P184 A novel automated calprotectin analysis method increases the diagnostic accuracy of the test
T. Lehto*, P. Hedberg, T. Vaskivuo
University of Oulu and Northern Finland Laboratory Centre Nordlab, Oulu, Finland
Faecal calprotectin is a promising biomarker for inflammatory bowel disease (IBD). The differentiation of IBD from functional gastrointestinal disease can be difficult because of symptoms alone. Calprotectin has been shown to have value both in the diagnosis and in the determination of relapses of Crohn’s disease and ulcerative colitis. We compared new automated calprotectin analysis method (Liaison Calprotectin Kit, DiaSorin) against an established ELISA method (Bühlman Laboratory) and determined its clinical and analytical accuracy.
Stool samples from 100 patients with intestinal symptoms were analysed with both Liaison and Bühlman ELISA methods. Clinical data including colonoscopy findings could be obtained from a sub-group of 62 patients. The thresholds given by the manufacturers were used to determine whether the assays could detect active Crohn’s disease or ulcerative colitis. The analytical performance of the Liaison method was determined and its accuracy was compared with the Bühlman ELISA. Both the imprecision of the Liaison method and the specimen extraction were examined.

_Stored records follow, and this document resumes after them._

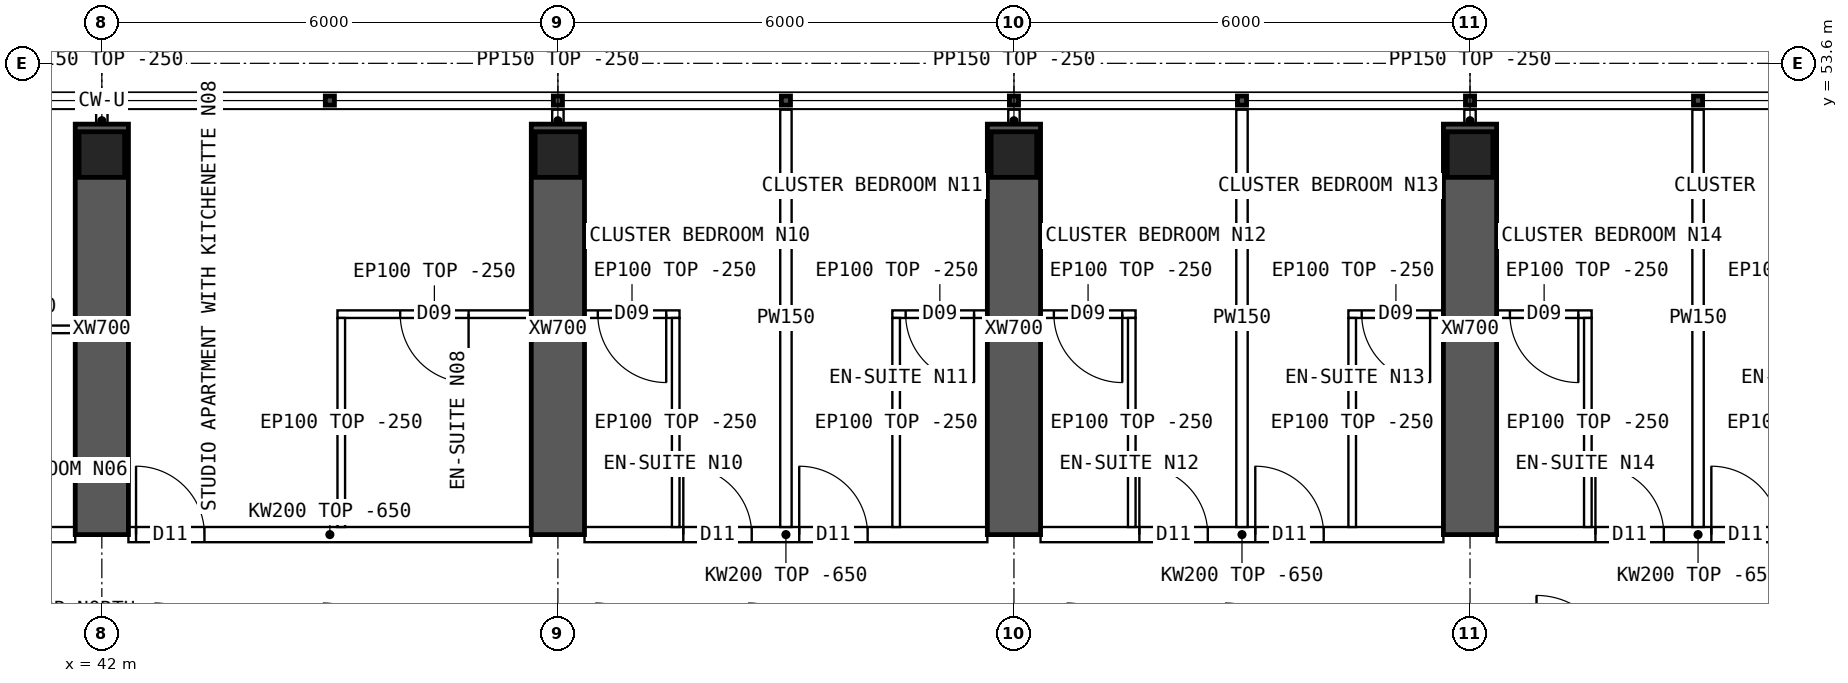
"""IFC4 building model, lengths in metres.
Left out: names, types, materials, properties, quantities, classifications, styles, units other than length and angle.
Written with IfcOpenShell. Run it as: python <this file> out.ifc"""

import sys

from ifc_helpers import new_model, si_unit, direction, frame, frame_2d, origin, origin_2d, place, context, subcontext, project, spatial, polyline, rectangle, hollow_rectangle, outline, extrude, element, fill, save


model = new_model("IFC4")
c1 = context("Model", 3, precision=1e-05, world=origin(), true_north=direction((0.0, 1.0)))
c2 = subcontext(c1, "Body", "Model", "MODEL_VIEW")
j1 = project(units=[si_unit("LENGTHUNIT", "METRE"), si_unit("PLANEANGLEUNIT", "RADIAN")], contexts=[c1])
p1 = place(None, origin())
s1 = spatial("IfcSite", under=j1, at=p1, CompositionType="ELEMENT")
p2 = place(p1, origin())
s2 = spatial("IfcBuilding", under=s1, at=p2, CompositionType="ELEMENT")
p3 = place(p2, frame((0.0, 0.0, 239.05)))
s3 = spatial("IfcBuildingStorey", under=s2, at=p3, CompositionType="ELEMENT", Elevation=239.05)
for number, where, z_axis, x_axis in (
    (1, (42.0, 52.4, 0.0), (0.0, 0.0, 1.0), (1.0, 0.0, 0.0)),
    (2, (48.0, 52.4, 0.0), (0.0, 0.0, 1.0), (1.0, 0.0, 0.0)),
    (3, (54.0, 52.4, 0.0), (0.0, 0.0, 1.0), (1.0, 0.0, 0.0)),
    (4, (60.0, 52.4, 0.0), (0.0, 0.0, 1.0), (1.0, 0.0, 0.0)),
):
    element("IfcColumn", number, at=place(p3, frame(where, z_axis=z_axis, x_axis=x_axis)), inside=s3, PredefinedType="COLUMN", context=c2, shape_type="SweptSolid", body=[
        extrude(hollow_rectangle(XDim=0.6, YDim=0.6, WallThickness=0.06, at=origin_2d()), origin(), (0.0, 0.0, 1.0), 3.75),
    ])
for number, where, z_axis, x_axis in (
    (5, (42.0, 47.4, 0.0), (0.0, 0.0, 1.0), (0.0, 1.0, 0.0)),
    (6, (48.0, 47.4, 0.0), (0.0, 0.0, 1.0), (0.0, 1.0, 0.0)),
    (7, (54.0, 47.4, 0.0), (0.0, 0.0, 1.0), (0.0, 1.0, 0.0)),
    (8, (60.0, 47.4, 0.0), (0.0, 0.0, 1.0), (0.0, 1.0, 0.0)),
):
    element("IfcWall", number, at=place(p3, frame(where, z_axis=z_axis, x_axis=x_axis)), inside=s3, PredefinedType="SHEAR", context=c2, shape_type="SweptSolid", body=[
        extrude(rectangle(XDim=5.4, YDim=0.7, at=frame_2d((2.7, 0.0))), origin(), (0.0, 0.0, 1.0), 3.75),
    ])
p4 = place(p3, frame((36.35, 47.4, 0.0), z_axis=(0.0, 0.0, 1.0), x_axis=(1.0, 0.0, 0.0)))
e9 = element("IfcWall", 9, at=p4, inside=s3, PredefinedType="SOLIDWALL", context=c2, shape_type="SweptSolid", body=[
    extrude(outline(polyline([(0.0, 0.0), (5.3, 0.0), (5.3, 3.1), (0.0, 3.1), (0.0, 0.0)])), frame((0.0, 0.1, 0.0), z_axis=(0.0, -1.0, 0.0), x_axis=(1.0, 0.0, 0.0)), (0.0, 0.0, 1.0), 0.2),
])
p5 = place(p4, frame((0.3, 0.0, 0.0)))
e10 = element("IfcOpeningElement", 10, at=p5, cuts=e9, PredefinedType="OPENING", context=c2, shape_type="SweptSolid", body=[
    extrude(rectangle(XDim=1.0, YDim=2.1, at=frame_2d((0.5, 1.05))), frame((0.0, 0.11, 0.0), z_axis=(0.0, -1.0, 0.0), x_axis=(1.0, 0.0, 0.0)), (0.0, 0.0, 1.0), 0.22),
])
p6 = place(p3, frame((42.35, 47.4, 0.0), z_axis=(0.0, 0.0, 1.0), x_axis=(1.0, 0.0, 0.0)))
e11 = element("IfcWall", 11, at=p6, inside=s3, PredefinedType="SOLIDWALL", context=c2, shape_type="SweptSolid", body=[
    extrude(outline(polyline([(0.0, 0.0), (5.3, 0.0), (5.3, 3.1), (0.0, 3.1), (0.0, 0.0)])), frame((0.0, 0.1, 0.0), z_axis=(0.0, -1.0, 0.0), x_axis=(1.0, 0.0, 0.0)), (0.0, 0.0, 1.0), 0.2),
])
p7 = place(p6, frame((0.1, 0.0, 0.0)))
e12 = element("IfcOpeningElement", 12, at=p7, cuts=e11, PredefinedType="OPENING", context=c2, shape_type="SweptSolid", body=[
    extrude(rectangle(XDim=0.9, YDim=2.1, at=frame_2d((0.45, 1.05))), frame((0.0, 0.11, 0.0), z_axis=(0.0, -1.0, 0.0), x_axis=(1.0, 0.0, 0.0)), (0.0, 0.0, 1.0), 0.22),
])
p8 = place(p3, frame((48.35, 47.4, 0.0), z_axis=(0.0, 0.0, 1.0), x_axis=(1.0, 0.0, 0.0)))
e13 = element("IfcWall", 13, at=p8, inside=s3, PredefinedType="SOLIDWALL", context=c2, shape_type="SweptSolid", body=[
    extrude(outline(polyline([(0.0, 0.0), (5.3, 0.0), (5.3, 3.1), (0.0, 3.1), (0.0, 0.0)])), frame((0.0, 0.1, 0.0), z_axis=(0.0, -1.0, 0.0), x_axis=(1.0, 0.0, 0.0)), (0.0, 0.0, 1.0), 0.2),
])
p9 = place(p8, frame((1.3, 0.0, 0.0)))
e14 = element("IfcOpeningElement", 14, at=p9, cuts=e13, PredefinedType="OPENING", context=c2, shape_type="SweptSolid", body=[
    extrude(rectangle(XDim=0.9, YDim=2.1, at=frame_2d((0.45, 1.05))), frame((0.0, 0.11, 0.0), z_axis=(0.0, -1.0, 0.0), x_axis=(1.0, 0.0, 0.0)), (0.0, 0.0, 1.0), 0.22),
])
p10 = place(p8, frame((2.825, 0.0, 0.0)))
e15 = element("IfcOpeningElement", 15, at=p10, cuts=e13, PredefinedType="OPENING", context=c2, shape_type="SweptSolid", body=[
    extrude(rectangle(XDim=0.9, YDim=2.1, at=frame_2d((0.45, 1.05))), frame((0.0, 0.11, 0.0), z_axis=(0.0, -1.0, 0.0), x_axis=(1.0, 0.0, 0.0)), (0.0, 0.0, 1.0), 0.22),
])
p11 = place(p3, frame((54.35, 47.4, 0.0), z_axis=(0.0, 0.0, 1.0), x_axis=(1.0, 0.0, 0.0)))
e16 = element("IfcWall", 16, at=p11, inside=s3, PredefinedType="SOLIDWALL", context=c2, shape_type="SweptSolid", body=[
    extrude(outline(polyline([(0.0, 0.0), (5.3, 0.0), (5.3, 3.1), (0.0, 3.1), (0.0, 0.0)])), frame((0.0, 0.1, 0.0), z_axis=(0.0, -1.0, 0.0), x_axis=(1.0, 0.0, 0.0)), (0.0, 0.0, 1.0), 0.2),
])
p12 = place(p11, frame((1.3, 0.0, 0.0)))
e17 = element("IfcOpeningElement", 17, at=p12, cuts=e16, PredefinedType="OPENING", context=c2, shape_type="SweptSolid", body=[
    extrude(rectangle(XDim=0.9, YDim=2.1, at=frame_2d((0.45, 1.05))), frame((0.0, 0.11, 0.0), z_axis=(0.0, -1.0, 0.0), x_axis=(1.0, 0.0, 0.0)), (0.0, 0.0, 1.0), 0.22),
])
p13 = place(p11, frame((2.825, 0.0, 0.0)))
e18 = element("IfcOpeningElement", 18, at=p13, cuts=e16, PredefinedType="OPENING", context=c2, shape_type="SweptSolid", body=[
    extrude(rectangle(XDim=0.9, YDim=2.1, at=frame_2d((0.45, 1.05))), frame((0.0, 0.11, 0.0), z_axis=(0.0, -1.0, 0.0), x_axis=(1.0, 0.0, 0.0)), (0.0, 0.0, 1.0), 0.22),
])
p14 = place(p3, frame((60.35, 47.4, 0.0), z_axis=(0.0, 0.0, 1.0), x_axis=(1.0, 0.0, 0.0)))
e19 = element("IfcWall", 19, at=p14, inside=s3, PredefinedType="SOLIDWALL", context=c2, shape_type="SweptSolid", body=[
    extrude(outline(polyline([(0.0, 0.0), (5.3, 0.0), (5.3, 3.1), (0.0, 3.1), (0.0, 0.0)])), frame((0.0, 0.1, 0.0), z_axis=(0.0, -1.0, 0.0), x_axis=(1.0, 0.0, 0.0)), (0.0, 0.0, 1.0), 0.2),
])
p15 = place(p14, frame((1.3, 0.0, 0.0)))
e20 = element("IfcOpeningElement", 20, at=p15, cuts=e19, PredefinedType="OPENING", context=c2, shape_type="SweptSolid", body=[
    extrude(rectangle(XDim=0.9, YDim=2.1, at=frame_2d((0.45, 1.05))), frame((0.0, 0.11, 0.0), z_axis=(0.0, -1.0, 0.0), x_axis=(1.0, 0.0, 0.0)), (0.0, 0.0, 1.0), 0.22),
])
p16 = place(p14, frame((2.825, 0.0, 0.0)))
e21 = element("IfcOpeningElement", 21, at=p16, cuts=e19, PredefinedType="OPENING", context=c2, shape_type="SweptSolid", body=[
    extrude(rectangle(XDim=0.9, YDim=2.1, at=frame_2d((0.45, 1.05))), frame((0.0, 0.11, 0.0), z_axis=(0.0, -1.0, 0.0), x_axis=(1.0, 0.0, 0.0)), (0.0, 0.0, 1.0), 0.22),
])
p17 = place(p3, frame((39.0, 50.1, 0.0), z_axis=(0.0, 0.0, 1.0), x_axis=(1.0, 0.0, 0.0)))
e22 = element("IfcWall", 22, at=p17, inside=s3, PredefinedType="PARTITIONING", context=c2, shape_type="SweptSolid", body=[
    extrude(rectangle(XDim=2.65, YDim=0.1, at=frame_2d((1.325, 0.0))), origin(), (0.0, 0.0, 1.0), 3.5),
])
p18 = place(p3, frame((45.1, 50.3, 0.0), z_axis=(0.0, 0.0, 1.0), x_axis=(1.0, 0.0, 0.0)))
e23 = element("IfcWall", 23, at=p18, inside=s3, PredefinedType="PARTITIONING", context=c2, shape_type="SweptSolid", body=[
    extrude(rectangle(XDim=2.55, YDim=0.1, at=frame_2d((1.275, 0.0))), origin(), (0.0, 0.0, 1.0), 3.5),
])
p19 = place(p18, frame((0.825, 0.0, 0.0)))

The positive predictive value of the methods capability to identify IBD was 68.8% with the Liaison method and 70.4% with the Bühlman ELISA. The negative predictive values of the assays were 93.3% and 85.7% respectively. The correlation between the methods (R2) was 0.12. Within-run precision of a single faecal extract analysed 10 times with the Liaison method was 1.7%. However, when the same faecal sample was analysed from 10 different extraction points the precision of the analysis was 17.7%.
Novel Liaison method for analysing calprotectin increased the negative predictive value of the method from 85.7% to 93.3% when compared with Bühlman ELISA. Negative predictive value is probably the most important aspect of the calprotectin. When compared with each other, the correlation between the Liaison method and Bühlman ELISA was poor, probably indicating the differences in the measurement assays. Further, it should be noted that calprotectin might not be evenly distributed in the faecal sample and the extraction point influences the test results. The Liaison method offers improved diagnostic accuracy and the automated procedure of the assay can help clinical laboratories meet the increasing demand for calprotectin testing.